Goel believes India will remain one of the fastest-growing emerging markets, growing at 6-8% real GDP for the next 10 to 15 years.
Stock pick – Five-Star Business Finance (NSE: FIVESTAR)
Goel highlights Five-Star Business Finance as his pick in India, noting it is a non-banking financial services company that provides microloans to very small businesses - the loan size is $5,000. These are five to seven-year loans, and the EMI, which the customer pays every month, is about $100.
"You have tens of millions of these small businesses and individuals in India which require these loans", notes Goel, adding that Five-Star is a very operationally intensive business, focused on origination, collection and underwriting - "and this company has a 20-year track record of doing this better than anyone else in this market".
"The owners are very much aligned to minority shareholders. They think that business can grow double-digits for the next 20 years, and that's where they're very well aligned with us", adds Goel.
Fidelity Asia Active ETF (ASX: FASI)
Manager: Anthony Srom
Comments below were provided by Gary Monaghan, Investment Director, Asia ex-Japan Equities
About the Fund
- The Fund is really about accessing the broad opportunities in the region.
- We've got the demographic story, the rising middle class and the consumption that brings. Asia remains the manufacturing hub of the world. And then you've got innovation as well
- We want to access this opportunity in a very high conviction portfolio - only around 20 stocks.
- We can really go deep into each individual position, put our capital to work in a meaningful way, but also really understand the risks that underpin the markets as well
The case for investing in Asia
Not shying away from recent history, Monaghan notes that "Asia has been on the sidelines for the last couple of years, driven by negative views of China and Hong Kong". That said, he is observing strong fundamental stories that have emerged, including economic development in India, and tech leadership from Korean and Taiwanese companies.
Still, he's aware that China dominates sentiment and, on that front, he says "we’re starting to see some green shoots of economic recovery coming through – including export growth and industrial profits".
"As for the Chinese property sector, we've seen the Chinese government deliver a huge stimulus package, around 300 billion renminbi, to try and clear the inventory that's been building up", adds Monaghan.
"Valuations have been reflecting this negative sentiment, and valuations relative to developed markets could stand up quite handsomely from here".
Stock pick – China Merchant Energy Shipping (SHA: 601872)
According to Monaghan, the jewel in the crown of this shipping company is its very large crude carrier fleet - "it's got one of the largest and youngest fleets globally", he notes.
"Big multinational oil companies aren't looking to hire out oil tankers that are decades old.
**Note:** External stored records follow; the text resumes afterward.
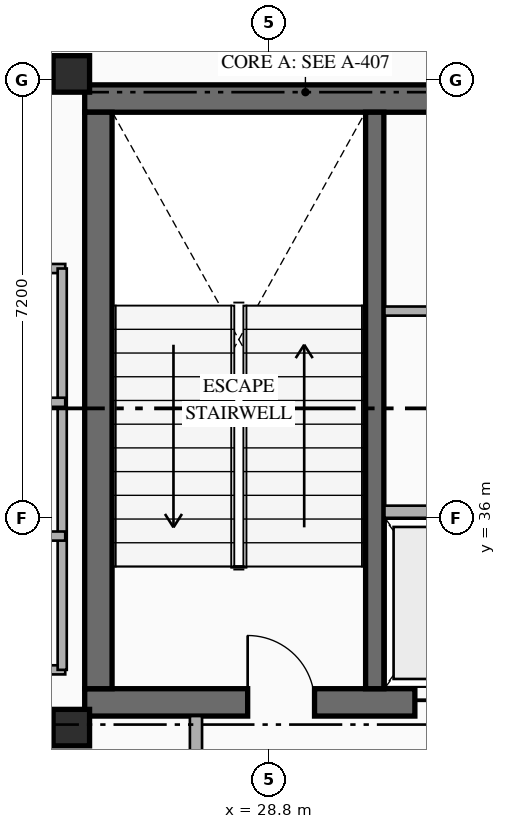
"""IFC4 building model, lengths in metres.
Left out: names, types, materials, properties, quantities, classifications, styles, units other than length and angle.
Written with IfcOpenShell. Run it as: python <this file> out.ifc"""

import sys

from ifc_helpers import new_model, si_unit, direction, frame, frame_2d, origin, origin_2d, place, context, subcontext, project, spatial, rectangle, hollow_rectangle, extrude, element, fill, save


model = new_model("IFC4")
c1 = context("Model", 3, precision=1e-05, world=origin(), true_north=direction((0.0, 1.0)))
c2 = subcontext(c1, "Body", "Model", "MODEL_VIEW")
j1 = project(units=[si_unit("LENGTHUNIT", "METRE"), si_unit("PLANEANGLEUNIT", "RADIAN")], contexts=[c1])
p1 = place(None, origin())
s1 = spatial("IfcSite", under=j1, at=p1, CompositionType="ELEMENT")
p2 = place(p1, origin())
s2 = spatial("IfcBuilding", under=s1, at=p2, CompositionType="ELEMENT")
p3 = place(p2, frame((0.0, 0.0, 269.95)))
s3 = spatial("IfcBuildingStorey", under=s2, at=p3, CompositionType="ELEMENT", Elevation=269.95)
p4 = place(p3, frame((25.77, 32.965, 0.0), z_axis=(0.0, 0.0, 1.0), x_axis=(1.0, 0.0, 0.0)))
e1 = element("IfcWall", 1, at=p4, inside=s3, PredefinedType="SHEAR", context=c2, shape_type="SweptSolid", body=[
    extrude(rectangle(XDim=7.48, YDim=0.45, at=frame_2d((3.74, 0.0))), origin(), (0.0, 0.0, 1.0), 4.0),
])
p5 = place(p4, frame((2.68, 0.0, 0.0)))
e2 = element("IfcOpeningElement", 2, at=p5, cuts=e1, PredefinedType="OPENING", context=c2, shape_type="SweptSolid", body=[
    extrude(rectangle(XDim=1.1, YDim=2.2, at=frame_2d((0.55, 1.1))), frame((0.0, 0.235, 0.0), z_axis=(0.0, -1.0, 0.0), x_axis=(1.0, 0.0, 0.0)), (0.0, 0.0, 1.0), 0.47),
])
p6 = place(p4, frame((5.43, 0.0, 0.0)))
e3 = element("IfcOpeningElement", 3, at=p6, cuts=e1, PredefinedType="OPENING", context=c2, shape_type="SweptSolid", body=[
    extrude(rectangle(XDim=1.1, YDim=2.15, at=frame_2d((0.55, 1.075))), frame((0.0, 0.235, 0.0), z_axis=(0.0, -1.0, 0.0), x_axis=(1.0, 0.0, 0.0)), (0.0, 0.0, 1.0), 0.47),
])
p7 = place(p3, frame((25.77, 42.895, 0.0), z_axis=(0.0, 0.0, 1.0), x_axis=(1.0, 0.0, 0.0)))
e4 = element("IfcWall", 4, at=p7, inside=s3, PredefinedType="SHEAR", context=c2, shape_type="SweptSolid", body=[
    extrude(rectangle(XDim=7.48, YDim=0.45, at=frame_2d((3.74, 0.0))), origin(), (0.0, 0.0, 1.0), 4.0),
])
p8 = place(p3, frame((25.995, 33.19, 0.0), z_axis=(0.0, 0.0, 1.0), x_axis=(0.0, 1.0, 0.0)))
e5 = element("IfcWall", 5, at=p8, inside=s3, PredefinedType="SHEAR", context=c2, shape_type="SweptSolid", body=[
    extrude(rectangle(XDim=9.48, YDim=0.45, at=frame_2d((4.74, 0.0))), origin(), (0.0, 0.0, 1.0), 4.0),
])
p9 = place(p3, frame((30.54, 33.19, 0.0), z_axis=(0.0, 0.0, 1.0), x_axis=(0.0, 1.0, 0.0)))
e6 = element("IfcWall", 6, at=p9, inside=s3, PredefinedType="SHEAR", context=c2, shape_type="SweptSolid", body=[
    extrude(rectangle(XDim=9.48, YDim=0.3, at=frame_2d((4.74, 0.0))), origin(), (0.0, 0.0, 1.0), 4.0),
])
for number, where, z_axis, x_axis in (
    (7, (25.55, 32.55, 0.0), (0.0, 0.0, 1.0), (1.0, 0.0, 0.0)),
    (8, (25.55, 43.3, 0.0), (0.0, 0.0, 1.0), (1.0, 0.0, 0.0)),
):
    element("IfcColumn", number, at=place(p3, frame(where, z_axis=z_axis, x_axis=x_axis)), inside=s3, PredefinedType="COLUMN", context=c2, shape_type="SweptSolid", body=[
        extrude(hollow_rectangle(XDim=0.6, YDim=0.6, WallThickness=0.025, at=origin_2d()), origin(), (0.0, 0.0, 1.0), 4.0),
    ])
p10 = place(p3, frame((30.7, 36.1, 0.0), z_axis=(0.0, 0.0, 1.0), x_axis=(1.0, 0.0, 0.0)))
e9 = element("IfcWall", 9, at=p10, inside=s3, PredefinedType="STANDARD", context=c2, shape_type="SweptSolid", body=[
    extrude(rectangle(XDim=2.1, YDim=0.2, at=frame_2d((1.05, 0.0))), origin(), (0.0, 0.0, 1.0), 3.74),
])
p11 = place(p3, frame((30.7, 39.4, 0.0), z_axis=(0.0, 0.0, 1.0), x_axis=(1.0, 0.0, 0.0)))
e10 = element("IfcWall", 10, at=p11, inside=s3, PredefinedType="PARTITIONING", context=c2, shape_type="SweptSolid", body=[
    extrude(rectangle(XDim=2.1, YDim=0.15, at=frame_2d((1.05, 0.0))), origin(), (0.0, 0.0, 1.0), 3.74),
])
p12 = place(p3, frame((27.6, 29.2, 0.0), z_axis=(0.0, 0.0, 1.0), x_axis=(0.0, 1.0, 0.0)))
e11 = element("IfcWall", 11, at=p12, inside=s3, PredefinedType="STANDARD", context=c2, shape_type="SweptSolid", body=[
    extrude(rectangle(XDim=3.54, YDim=0.2, at=frame_2d((1.77, 0.0))), origin(), (0.0, 0.0, 1.0), 3.74),
])
for number, where, z_axis, x_axis in (
    (12, (22.15, 33.5, 0.0), (0.0, 0.0, 1.0), (1.0, 0.0, 0.0)),
    (13, (22.15, 40.1, 0.0), (0.0, 0.0, 1.0), (1.0, 0.0, 0.0)),
):
    element("IfcWall", number, at=place(p3, frame(where, z_axis=z_axis, x_axis=x_axis)), inside=s3, PredefinedType="PARTITIONING", context=c2, shape_type="SweptSolid", body=[
        extrude(rectangle(XDim=3.3, YDim=0.15, at=frame_2d((1.65, 0.0))), origin(), (0.0, 0.0, 1.0), 3.74),
    ])
p13 = place(p3, frame((25.4, 33.5, 0.0), z_axis=(0.0, 0.0, 1.0), x_axis=(0.0, 1.0, 0.0)))
e14 = element("IfcWall", 14, at=p13, inside=s3, PredefinedType="PARTITIONING", context=c2, shape_type="SweptSolid", body=[
    extrude(rectangle(XDim=6.6, YDim=0.15, at=frame_2d((3.3, 0.0))), origin(), (0.0, 0.0, 1.0), 3.74),
])
for number, where, z_axis, x_axis in (
    (15, (22.15, 35.7, 0.0), (0.0, 0.0, 1.0), (1.0, 0.0, 0.0)),
    (16, (22.15, 37.9, 0.0), (0.0, 0.0, 1.0), (1.0, 0.0, 0.0)),
):
    element("IfcWall", number, at=place(p3, frame(where, z_axis=z_axis, x_axis=x_axis)), inside=s3, PredefinedType="PARTITIONING", context=c2, shape_type="SweptSolid", body=[
        extrude(rectangle(XDim=3.3, YDim=0.15, at=frame_2d((1.65, 0.0))), origin(), (0.0, 0.0, 1.0), 3.74),
    ])
p14 = place(p5, origin())
e17 = element("IfcDoor", 17, at=p14, inside=s3, OperationType="SINGLE_SWING_LEFT", PredefinedType="DOOR", context=c2, shape_type="SweptSolid", body=[
    extrude(rectangle(XDim=1.1, YDim=2.2, at=frame_2d((0.55, 1.1))), frame((0.0, 0.025, 0.0), z_axis=(0.0, -1.0, 0.0), x_axis=(1.0, 0.0, 0.0)), (0.0, 0.0, 1.0), 0.05),
])
fill(e2, e17)
p15 = place(p6, origin())
e18 = element("IfcDoor", 18, at=p15, inside=s3, OperationType="SLIDING_TO_LEFT", PredefinedType="USERDEFINED", context=c2, shape_type="SweptSolid", body=[
    extrude(rectangle(XDim=1.1, YDim=2.15, at=frame_2d((0.55, 1.075))), frame((0.0, 0.025, 0.0), z_axis=(0.0, -1.0, 0.0), x_axis=(1.0, 0.0, 0.0)), (0.0, 0.0, 1.0), 0.05),
])
fill(e3, e18)
save(model, sys.argv[1])

They want something a bit younger and more energy efficient, which fulfils various ESG criteria", he adds, nothin that numerous shipping companies are exiting the market, not wanting to spend hundreds of millions of dollar on building oil tankers when the expectation is that oil use is in decline.
The kicker? Whilst long-term projections suggest the world will pivot away from oil, there is no evidence to suggest that is happening yet—or will happen imminently. So, with the demand for oil tankers staying the same but supply falling away, it puts Chinese Merchant in an enviable position.
"In the shorter term, we're seeing the conflict in the Middle East, and many shipping trade routes from Asia to Europe and the US are being rerouted around Africa, adding 14-16 days per ship for trade purposes", says Monaghan.
"That's taking more supply out of the system, and if you get constant demand and you're getting less and less supply, it means freight rates are going up".
"The stock has been doing fairly well in recent months, but we think that ongoing freight rate increases can happen, so we think there's more legs to run in this stock", adds Monaghan.